# meet friends in estepona



## becky1990 (Oct 23, 2012)

Hi iv just joined, me and my boyfriend (22 and 29) are moving to estepona with our labrador this weekend, very scared and im hoping i can make friends pretty quickly, so if anyone has the same problem please get in touch Becky


----------



## Grasparossa (Feb 28, 2011)

Hi Becky,
It can be hard to meet people here, there aren´t many young expats.
I´m here if you´d like to meet for coffee or drinks sometime.
My parents are visiting this week, but next week would be good.
Hope you are settling in!


----------



## Grasparossa (Feb 28, 2011)

*Hi again*

Hi,

I can´t seem to send a message to you, maybe the rule about posting first.
Anyway, I have messaged Amy who lives in Marbella about meeting up the week after next (my parents are coming today for a week). We could meet one evening for drinks or dinner. If you don´t have a car I could drive us.
Looking forward to meeting you!

Hope you are settling ok, if you need any help let me know.


----------



## becky1990 (Oct 23, 2012)

Hi well we are still on our three day journey from the uk, we are leaving France today stopping in north Spain, and get to estepona tomorrow. Yeh that sounds great just let me know the times. So where a abouts are you living, are you from the uk?x


----------



## Grasparossa (Feb 28, 2011)

Hi,
Yes, I´m from the UK, Newcastle, well, near it. But I don´t have a geordie accent! Thank goodness.
I live in the port which is nice, lots of bars and places to eat.
We will arrange something for next week.
Have a good trip.


----------



## Sophie H (Mar 20, 2012)

Hi Becky,

My husband and I live in Estepona with our two dogs, we are both 25 and have also been looking to meet people our own age. If you need any help on finding good places to walk your dog just let me know, it can be quite difficult to find places when your new to the area. It would be nice to meet up for drinks when you get here. Just send me a message and we can arrange something. 
Good luck with the rest of your journey.


----------



## becky1990 (Oct 23, 2012)

Grasparossa said:


> Hi,
> Yes, I´m from the UK, Newcastle, well, near it. But I don´t have a geordie accent! Thank goodness.
> I live in the port which is nice, lots of bars and places to eat.
> We will arrange something for next week.
> Have a good trip.


oh wow realy me too, well im from durham so very close, ok look forward to meeting you


----------



## becky1990 (Oct 23, 2012)

Sophie H said:


> Hi Becky,
> 
> My husband and I live in Estepona with our two dogs, we are both 25 and have also been looking to meet people our own age. If you need any help on finding good places to walk your dog just let me know, it can be quite difficult to find places when your new to the area. It would be nice to meet up for drinks when you get here. Just send me a message and we can arrange something.
> Good luck with the rest of your journey.

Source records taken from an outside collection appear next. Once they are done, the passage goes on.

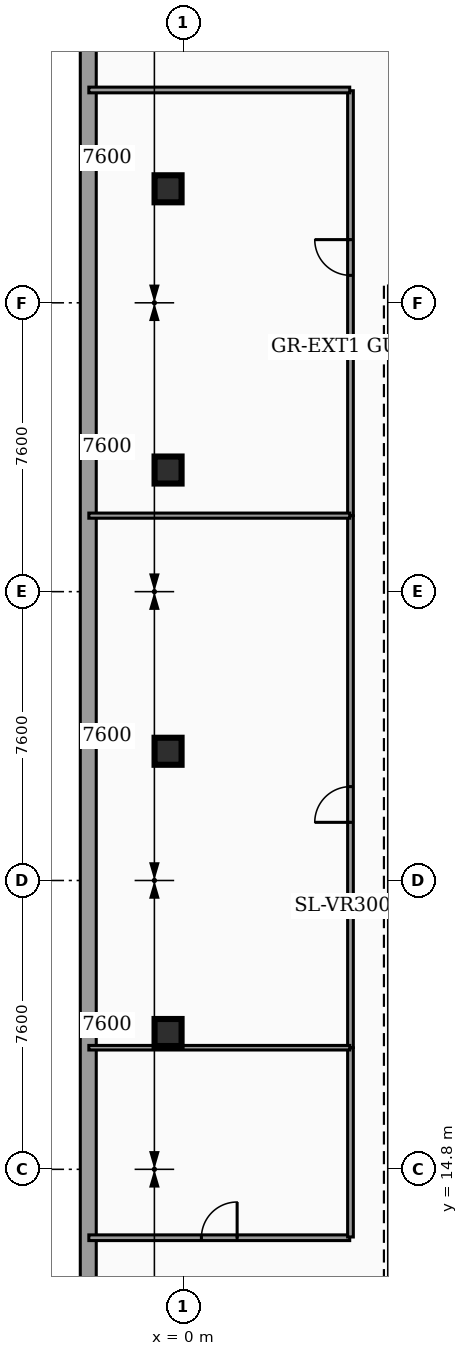
"""IFC4 building model, lengths in metres.
Left out: names, types, materials, properties, quantities, classifications, styles, units other than length and angle.
Written with IfcOpenShell. Run it as: python <this file> out.ifc"""

import sys

from ifc_helpers import new_model, si_unit, direction, frame, frame_2d, origin, origin_2d, place, context, subcontext, project, spatial, rectangle, hollow_circle, extrude, element, fill, save


model = new_model("IFC4")
c1 = context("Model", 3, precision=1e-05, world=origin(), true_north=direction((0.0, 1.0)))
c2 = subcontext(c1, "Body", "Model", "MODEL_VIEW")
j1 = project(units=[si_unit("LENGTHUNIT", "METRE"), si_unit("PLANEANGLEUNIT", "RADIAN")], contexts=[c1])
p1 = place(None, origin())
s1 = spatial("IfcSite", under=j1, at=p1, CompositionType="ELEMENT")
p2 = place(p1, origin())
s2 = spatial("IfcBuilding", under=s1, at=p2, CompositionType="ELEMENT")
p3 = place(p2, frame((0.0, 0.0, -4.08)))
s3 = spatial("IfcBuildingStorey", under=s2, at=p3, CompositionType="ELEMENT", Elevation=-4.08)
p4 = place(p3, frame((-2.5, 9.0, 0.0), z_axis=(0.0, 0.0, 1.0), x_axis=(0.0, 1.0, 0.0)))
e1 = element("IfcWall", 1, at=p4, inside=s3, PredefinedType="SOLIDWALL", context=c2, shape_type="SweptSolid", body=[
    extrude(rectangle(XDim=39.0, YDim=0.42, at=frame_2d((19.5, 0.0))), origin(), (0.0, 0.0, 1.0), 3.76),
])
for number, where, z_axis, x_axis in (
    (2, (-0.4, 40.6, 0.0), (0.0, 0.0, 1.0), (1.0, 0.0, 0.0)),
    (3, (-0.4, 18.4, 0.0), (0.0, 0.0, 1.0), (1.0, 0.0, 0.0)),
    (4, (-0.4, 25.8, 0.0), (0.0, 0.0, 1.0), (1.0, 0.0, 0.0)),
    (5, (-0.4, 33.2, 0.0), (0.0, 0.0, 1.0), (1.0, 0.0, 0.0)),
):
    element("IfcColumn", number, at=place(p3, frame(where, z_axis=z_axis, x_axis=x_axis)), inside=s3, PredefinedType="COLUMN", context=c2, shape_type="SweptSolid", body=[
        extrude(hollow_circle(Radius=0.355, WallThickness=0.03, at=origin_2d()), origin(), (0.0, 0.0, 1.0), 3.76),
    ])
p5 = place(p3, frame((-2.485, 13.0, 0.0), z_axis=(0.0, 0.0, 1.0), x_axis=(1.0, 0.0, 0.0)))
e6 = element("IfcWall", 6, at=p5, inside=s3, PredefinedType="PARTITIONING", context=c2, shape_type="SweptSolid", body=[
    extrude(rectangle(XDim=6.865, YDim=0.15, at=frame_2d((3.433, 0.0))), origin(), (0.0, 0.0, 1.0), 2.717),
])
p6 = place(p5, frame((2.962, 0.0, 0.0)))
e7 = element("IfcOpeningElement", 7, at=p6, cuts=e6, PredefinedType="OPENING", context=c2, shape_type="SweptSolid", body=[
    extrude(rectangle(XDim=0.94, YDim=2.05, at=frame_2d((0.47, 1.025))), frame((0.0, 0.085, 0.0), z_axis=(0.0, -1.0, 0.0), x_axis=(1.0, 0.0, 0.0)), (0.0, 0.0, 1.0), 0.17),
])
p7 = place(p3, frame((4.4, 13.02, 0.0), z_axis=(0.0, 0.0, 1.0), x_axis=(0.0, 1.0, 0.0)))
e8 = element("IfcWall", 8, at=p7, inside=s3, PredefinedType="PARTITIONING", context=c2, shape_type="SweptSolid", body=[
    extrude(rectangle(XDim=4.975, YDim=0.15, at=frame_2d((2.488, 0.0))), origin(), (0.0, 0.0, 1.0), 2.717),
])
p8 = place(p3, frame((4.4, 18.005, 0.0), z_axis=(0.0, 0.0, 1.0), x_axis=(0.0, 1.0, 0.0)))
e9 = element("IfcWall", 9, at=p8, inside=s3, PredefinedType="PARTITIONING", context=c2, shape_type="SweptSolid", body=[
    extrude(rectangle(XDim=13.99, YDim=0.15, at=frame_2d((6.995, 0.0))), origin(), (0.0, 0.0, 1.0), 2.717),
])
p9 = place(p8, frame((5.925, 0.0, 0.0)))
e10 = element("IfcOpeningElement", 10, at=p9, cuts=e9, PredefinedType="OPENING", context=c2, shape_type="SweptSolid", body=[
    extrude(rectangle(XDim=0.94, YDim=2.05, at=frame_2d((0.47, 1.025))), frame((0.0, 0.085, 0.0), z_axis=(0.0, -1.0, 0.0), x_axis=(1.0, 0.0, 0.0)), (0.0, 0.0, 1.0), 0.17),
])
p10 = place(p3, frame((4.4, 32.005, 0.0), z_axis=(0.0, 0.0, 1.0), x_axis=(0.0, 1.0, 0.0)))
e11 = element("IfcWall", 11, at=p10, inside=s3, PredefinedType="PARTITIONING", context=c2, shape_type="SweptSolid", body=[
    extrude(rectangle(XDim=11.175, YDim=0.15, at=frame_2d((5.587, 0.0))), origin(), (0.0, 0.0, 1.0), 2.717),
])
p11 = place(p10, frame((6.317, 0.0, 0.0)))
e12 = element("IfcOpeningElement", 12, at=p11, cuts=e11, PredefinedType="OPENING", context=c2, shape_type="SweptSolid", body=[
    extrude(rectangle(XDim=0.94, YDim=2.05, at=frame_2d((0.47, 1.025))), frame((0.0, 0.085, 0.0), z_axis=(0.0, -1.0, 0.0), x_axis=(1.0, 0.0, 0.0)), (0.0, 0.0, 1.0), 0.17),
])
p12 = place(p3, frame((-2.485, 43.2, 0.0), z_axis=(0.0, 0.0, 1.0), x_axis=(1.0, 0.0, 0.0)))
e13 = element("IfcWall", 13, at=p12, inside=s3, PredefinedType="PARTITIONING", context=c2, shape_type="SweptSolid", body=[
    extrude(rectangle(XDim=6.865, YDim=0.15, at=frame_2d((3.433, 0.0))), origin(), (0.0, 0.0, 1.0), 2.717),
])
p13 = place(p3, frame((-2.485, 18.0, 0.0), z_axis=(0.0, 0.0, 1.0), x_axis=(1.0, 0.0, 0.0)))
e14 = element("IfcWall", 14, at=p13, inside=s3, PredefinedType="PARTITIONING", context=c2, shape_type="SweptSolid", body=[
    extrude(rectangle(XDim=6.865, YDim=0.12, at=frame_2d((3.433, 0.0))), origin(), (0.0, 0.0, 1.0), 2.717),
])
p14 = place(p3, frame((-2.485, 32.0, 0.0), z_axis=(0.0, 0.0, 1.0), x_axis=(1.0, 0.0, 0.0)))
e15 = element("IfcWall", 15, at=p14, inside=s3, PredefinedType="PARTITIONING", context=c2, shape_type="SweptSolid", body=[
    extrude(rectangle(XDim=6.865, YDim=0.135, at=frame_2d((3.433, 0.0))), origin(), (0.0, 0.0, 1.0), 2.717),
])
p15 = place(p6, origin())
e16 = element("IfcDoor", 16, at=p15, inside=s3, OperationType="SINGLE_SWING_RIGHT", PredefinedType="DOOR", context=c2, shape_type="SweptSolid", body=[
    extrude(rectangle(XDim=0.94, YDim=2.05, at=frame_2d((0.47, 1.025))), frame((0.0, 0.025, 0.0), z_axis=(0.0, -1.0, 0.0), x_axis=(1.0, 0.0, 0.0)), (0.0, 0.0, 1.0), 0.05),
])
fill(e7, e16)
p16 = place(p9, origin())
e17 = element("IfcDoor", 17, at=p16, inside=s3, OperationType="SINGLE_SWING_LEFT", PredefinedType="DOOR", context=c2, shape_type="SweptSolid", body=[
    extrude(rectangle(XDim=0.94, YDim=2.05, at=frame_2d((0.47, 1.025))), frame((0.0, 0.025, 0.0), z_axis=(0.0, -1.0, 0.0), x_axis=(1.0, 0.0, 0.0)), (0.0, 0.0, 1.0), 0.05),
])
fill(e10, e17)
p17 = place(p11, origin())
e18 = element("IfcDoor", 18, at=p17, inside=s3, OperationType="SINGLE_SWING_RIGHT", PredefinedType="DOOR", context=c2, shape_type="SweptSolid", body=[
    extrude(rectangle(XDim=0.94, YDim=2.05, at=frame_2d((0.47, 1.025))), frame((0.0, 0.025, 0.0), z_axis=(0.0, -1.0, 0.0), x_axis=(1.0, 0.0, 0.0)), (0.0, 0.0, 1.0), 0.05),
])
fill(e12, e18)
save(model, sys.argv[1])
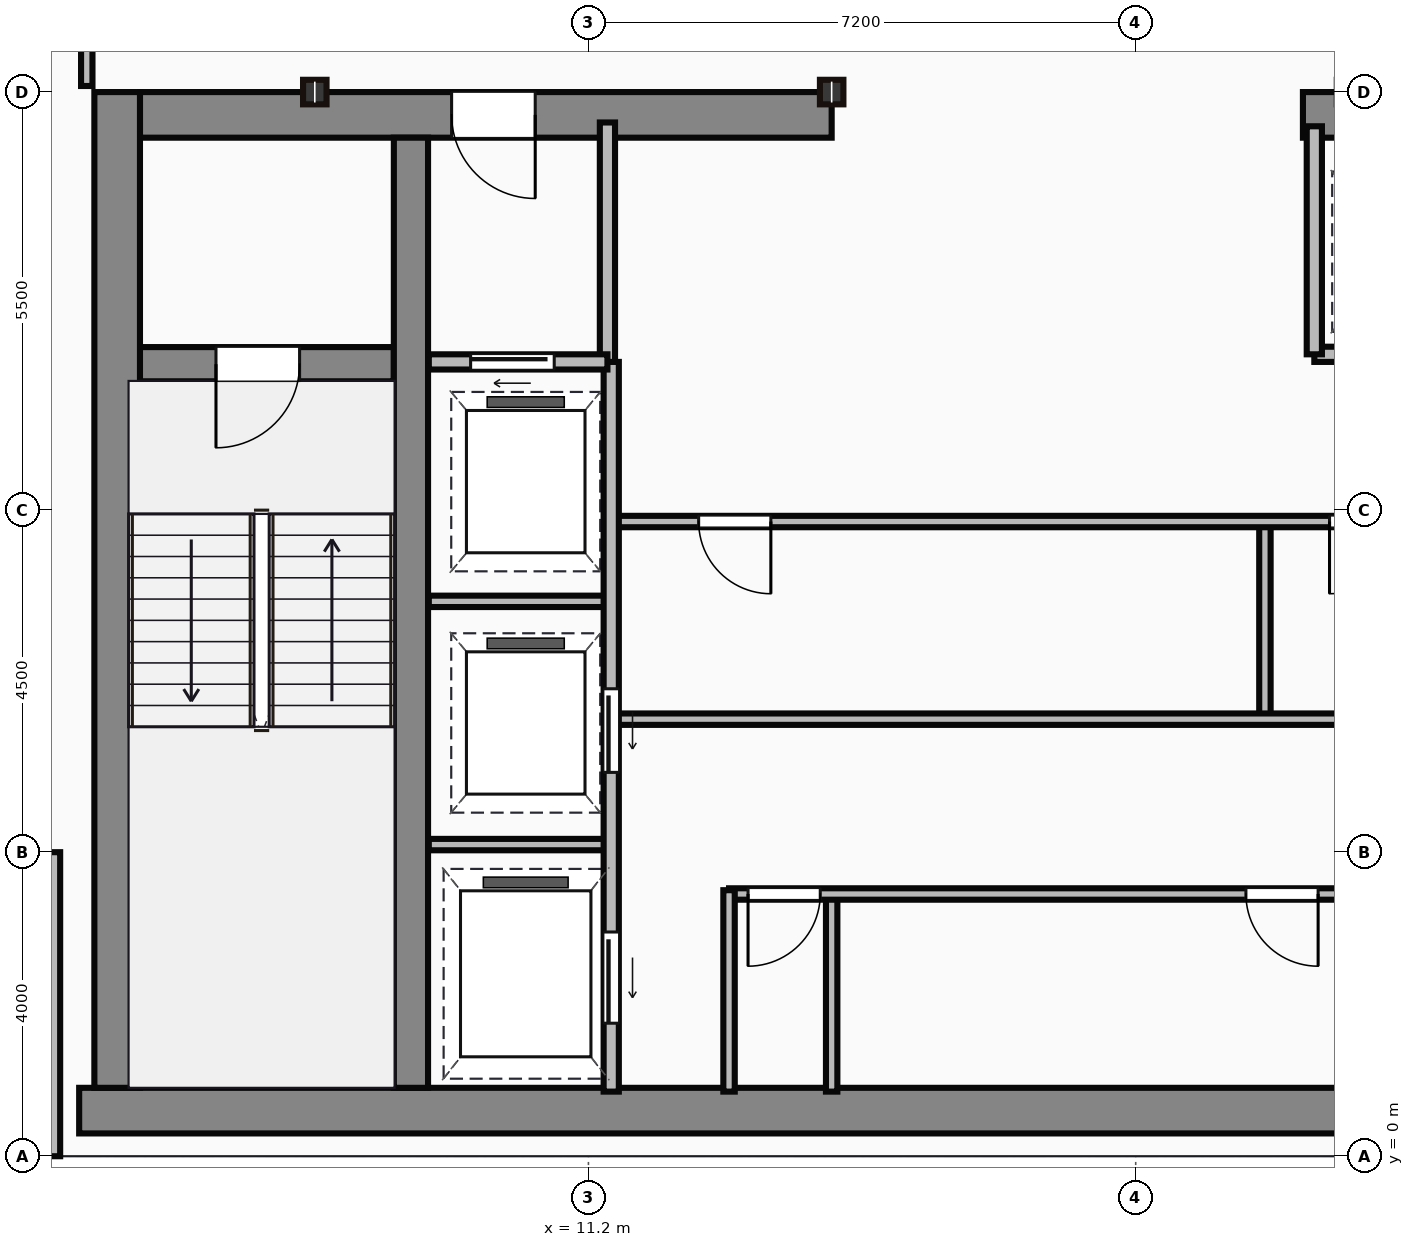
"""IFC4 building model, lengths in metres.
Left out: names, types, materials, properties, quantities, classifications, styles, units other than length and angle.
Written with IfcOpenShell. Run it as: python <this file> out.ifc"""

import sys

from ifc_helpers import new_model, si_unit, direction, frame, frame_2d, origin, origin_2d, place, context, subcontext, project, spatial, rectangle, i_section, extrude, source, transform, mapped, element, fill, save


model = new_model("IFC4")
c1 = context("Model", 3, precision=1e-05, world=origin(), true_north=direction((0.0, 1.0)))
c2 = subcontext(c1, "Body", "Model", "MODEL_VIEW")
j1 = project(units=[si_unit("LENGTHUNIT", "METRE"), si_unit("PLANEANGLEUNIT", "RADIAN")], contexts=[c1])
p1 = place(None, origin())
s1 = spatial("IfcSite", under=j1, at=p1, CompositionType="ELEMENT")
p2 = place(p1, origin())
s2 = spatial("IfcBuilding", under=s1, at=p2, CompositionType="ELEMENT")
p3 = place(p2, frame((0.0, 0.0, 225.1)))
s3 = spatial("IfcBuildingStorey", under=s2, at=p3, CompositionType="ELEMENT", Elevation=225.1)
m1 = source(origin(), c2, "Body", "SweptSolid", [
    extrude(rectangle(XDim=29.5, YDim=0.6, at=frame_2d((14.75, 0.0))), origin(), (0.0, 0.0, 1.0), 3.65),
])
p4 = place(p3, frame((4.5, 0.6, 0.0), z_axis=(0.0, 0.0, 1.0), x_axis=(1.0, 0.0, 0.0)))
e1 = element("IfcWall", 1, at=p4, inside=s3, PredefinedType="SHEAR", context=c2, shape_type="MappedRepresentation", body=[
    mapped(m1, transform((0.0, 0.0, 0.0))),
])
m2 = source(origin(), c2, "Body", "SweptSolid", [
    extrude(rectangle(XDim=13.1, YDim=0.6, at=frame_2d((6.55, 0.0))), origin(), (0.0, 0.0, 1.0), 3.65),
])
p5 = place(p3, frame((5.0, 0.9, 0.0), z_axis=(0.0, 0.0, 1.0), x_axis=(0.0, 1.0, 0.0)))
e2 = element("IfcWall", 2, at=p5, inside=s3, PredefinedType="SHEAR", context=c2, shape_type="MappedRepresentation", body=[
    mapped(m2, transform((0.0, 0.0, 0.0))),
])
m3 = source(origin(), c2, "Body", "SweptSolid", [
    extrude(rectangle(XDim=9.1, YDim=0.6, at=frame_2d((4.55, 0.0))), origin(), (0.0, 0.0, 1.0), 3.65),
])
p6 = place(p3, frame((5.3, 13.7, 0.0), z_axis=(0.0, 0.0, 1.0), x_axis=(1.0, 0.0, 0.0)))
e3 = element("IfcWall", 3, at=p6, inside=s3, PredefinedType="SHEAR", context=c2, shape_type="MappedRepresentation", body=[
    mapped(m3, transform((0.0, 0.0, 0.0))),
])
p7 = place(p6, frame((4.1, 0.0, 0.0)))
e4 = element("IfcOpeningElement", 4, at=p7, cuts=e3, PredefinedType="OPENING", context=c2, shape_type="SweptSolid", body=[
    extrude(rectangle(XDim=1.1, YDim=2.15, at=frame_2d((0.55, 1.075))), frame((0.0, 0.31, 0.0), z_axis=(0.0, -1.0, 0.0), x_axis=(1.0, 0.0, 0.0)), (0.0, 0.0, 1.0), 0.62),
])
m4 = source(origin(), c2, "Body", "SweptSolid", [
    extrude(rectangle(XDim=12.6, YDim=0.6, at=frame_2d((6.3, 0.0))), origin(), (0.0, 0.0, 1.0), 3.65),
])
p8 = place(p3, frame((20.6, 13.7, 0.0), z_axis=(0.0, 0.0, 1.0), x_axis=(1.0, 0.0, 0.0)))
e5 = element("IfcWall", 5, at=p8, inside=s3, PredefinedType="SHEAR", context=c2, shape_type="MappedRepresentation", body=[
    mapped(m4, transform((0.0, 0.0, 0.0))),
])
p9 = place(p8, frame((9.25, 0.0, 0.0)))
e6 = element("IfcOpeningElement", 6, at=p9, cuts=e5, PredefinedType="OPENING", context=c2, shape_type="SweptSolid", body=[
    extrude(rectangle(XDim=1.1, YDim=2.15, at=frame_2d((0.55, 1.075))), frame((0.0, 0.31, 0.0), z_axis=(0.0, -1.0, 0.0), x_axis=(1.0, 0.0, 0.0)), (0.0, 0.0, 1.0), 0.62),
])
m5 = source(origin(), c2, "Body", "SweptSolid", [
    extrude(rectangle(XDim=12.5, YDim=0.45, at=frame_2d((6.25, 0.0))), origin(), (0.0, 0.0, 1.0), 3.65),
])
p10 = place(p3, frame((8.865, 0.9, 0.0), z_axis=(0.0, 0.0, 1.0), x_axis=(0.0, 1.0, 0.0)))
e7 = element("IfcWall", 7, at=p10, inside=s3, PredefinedType="SHEAR", context=c2, shape_type="MappedRepresentation", body=[
    mapped(m5, transform((0.0, 0.0, 0.0))),
])
m6 = source(origin(), c2, "Body", "SweptSolid", [
    extrude(rectangle(XDim=3.39, YDim=0.45, at=frame_2d((1.695, 0.0))), origin(), (0.0, 0.0, 1.0), 3.65),
])
p11 = place(p3, frame((5.25, 10.42, 0.0), z_axis=(0.0, 0.0, 1.0), x_axis=(1.0, 0.0, 0.0)))
e8 = element("IfcWall", 8, at=p11, inside=s3, PredefinedType="SHEAR", context=c2, shape_type="MappedRepresentation", body=[
    mapped(m6, transform((0.0, 0.0, 0.0))),
])
p12 = place(p11, frame((1.05, 0.0, 0.0)))
e9 = element("IfcOpeningElement", 9, at=p12, cuts=e8, PredefinedType="OPENING", context=c2, shape_type="SweptSolid", body=[
    extrude(rectangle(XDim=1.1, YDim=2.15, at=frame_2d((0.55, 1.075))), frame((0.0, 0.235, 0.0), z_axis=(0.0, -1.0, 0.0), x_axis=(1.0, 0.0, 0.0)), (0.0, 0.0, 1.0), 0.47),
])
m7 = source(origin(), c2, "Body", "SweptSolid", [
    extrude(i_section(OverallWidth=0.309, OverallDepth=0.323, WebThickness=0.014, FlangeThickness=0.023, at=origin_2d()), origin(), (0.0, 0.0, 1.0), 3.65),
])
for number, where, z_axis, x_axis in (
    (10, (7.6, 14.0, 0.0), (0.0, 0.0, 1.0), (1.0, 0.0, 0.0)),
    (11, (14.4, 14.0, 0.0), (0.0, 0.0, 1.0), (1.0, 0.0, 0.0)),
):
    element("IfcColumn", number, at=place(p3, frame(where, z_axis=z_axis, x_axis=x_axis)), inside=s3, PredefinedType="COLUMN", context=c2, shape_type="MappedRepresentation", body=[
        mapped(m7, transform((0.0, 0.0, 0.0))),
    ])
m8 = source(origin(), c2, "Body", "SweptSolid", [
    extrude(rectangle(XDim=4.0, YDim=0.25, at=frame_2d((2.0, 0.0))), origin(), (0.0, 0.0, 1.0), 3.4),
])
p13 = place(p3, frame((4.125, 4.0, 0.0), z_axis=(0.0, 0.0, 1.0), x_axis=(0.0, -1.0, 0.0)))
e12 = element("IfcWall", 12, at=p13, inside=s3, PredefinedType="STANDARD", context=c2, shape_type="MappedRepresentation", body=[
    mapped(m8, transform((0.0, 0.0, 0.0))),
])
m9 = source(origin(), c2, "Body", "SweptSolid", [
    extrude(rectangle(XDim=3.18, YDim=0.2, at=frame_2d((1.59, 0.0))), origin(), (0.0, 0.0, 1.0), 3.4),
])
p14 = place(p3, frame((11.45, 10.42, 0.0), z_axis=(0.0, 0.0, 1.0), x_axis=(0.0, 1.0, 0.0)))
e13 = element("IfcWall", 13, at=p14, inside=s3, PredefinedType="PARTITIONING", context=c2, shape_type="MappedRepresentation", body=[
    mapped(m9, transform((0.0, 0.0, 0.0))),
])
m10 = source(origin(), c2, "Body", "SweptSolid", [
    extrude(rectangle(XDim=2.35, YDim=0.2, at=frame_2d((1.175, 0.0))), origin(), (0.0, 0.0, 1.0), 3.4),
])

Hi Sophie, yeh that would be great since we had the worst experience ever the night we got here, we took marley down to the beach he got so excited he pulled Andy, my partner over and leged it for miles down the beach, it was dark so it took a while to find him it was awful haha. Yeh we would love to meet up for some drinks, we are available anytime this week just let me know when is good for you, also if you know anywhere as we havnt sussed out the good places yet, however we have found a bar down estepona marina that has a pretty good happy hour


----------



## Sophie H (Mar 20, 2012)

Hi Becky, 

We are free on Saturday if you want to meet up, I can't seem to send you a private message, I don't think I've earned my 5 posts reward yet!! If possible could you send me a private message with your contact info and we can arrange to meet up.


----------



## becky1990 (Oct 23, 2012)

Sophie H said:


> Hi Becky,
> 
> We are free on Saturday if you want to meet up, I can't seem to send you a private message, I don't think I've earned my 5 posts reward yet!! If possible could you send me a private message with your contact info and we can arrange to meet up.


Hi sophie 
yeh tomorow would be good, I cant seem to pm either dont know why because iv posted more than five times, /SNIP/ We dont have the internet in our house yet so cant check my mail al the time so it would be easier if we text and arrange things. See you soon Becky


----------



## xabiaxica (Jun 23, 2009)

becky1990 said:


> Hi sophie
> yeh tomorow would be good, I cant seem to pm either dont know why because iv posted more than five times, /SNIP/ We dont have the internet in our house yet so cant check my mail al the time so it would be easier if we text and arrange things. See you soon Becky


you can't PM sophie because hers isn't yet activated


----------



## Sophie H (Mar 20, 2012)

Hi Becky, 

Ok so we can't send personal messages and your phone number was removed so just lets meet on Saturday night at a bar in Estepona town centre called Tolone at 9pm, its in a square called Plaza Ortiz with a fountain and a statue. 

Let me know if that's ok, hope to see you soon!


----------



## xabiaxica (Jun 23, 2009)

Sophie H said:


> Hi Becky,
> 
> Ok so we can't send personal messages and your phone number was removed so just lets meet on Saturday night at a bar in Estepona town centre called Tolone at 9pm, its in a square called Plaza Ortiz with a fountain and a statue.
> 
> Let me know if that's ok, hope to see you soon!


you only have to make 5 posts & wait for the system to update

join in some other threads....simples....


----------



## becky1990 (Oct 23, 2012)

Hi Sophie yeh that's fine, wel meet u at the bar with signs on our heads lol, you should nearly have your five posts now so if you do pm me your number, 
Becky


----------



## Sophie H (Mar 20, 2012)

Hi Becky, 

Great see you later, still having trouble sending pm so we'll just exchange numbers later.


----------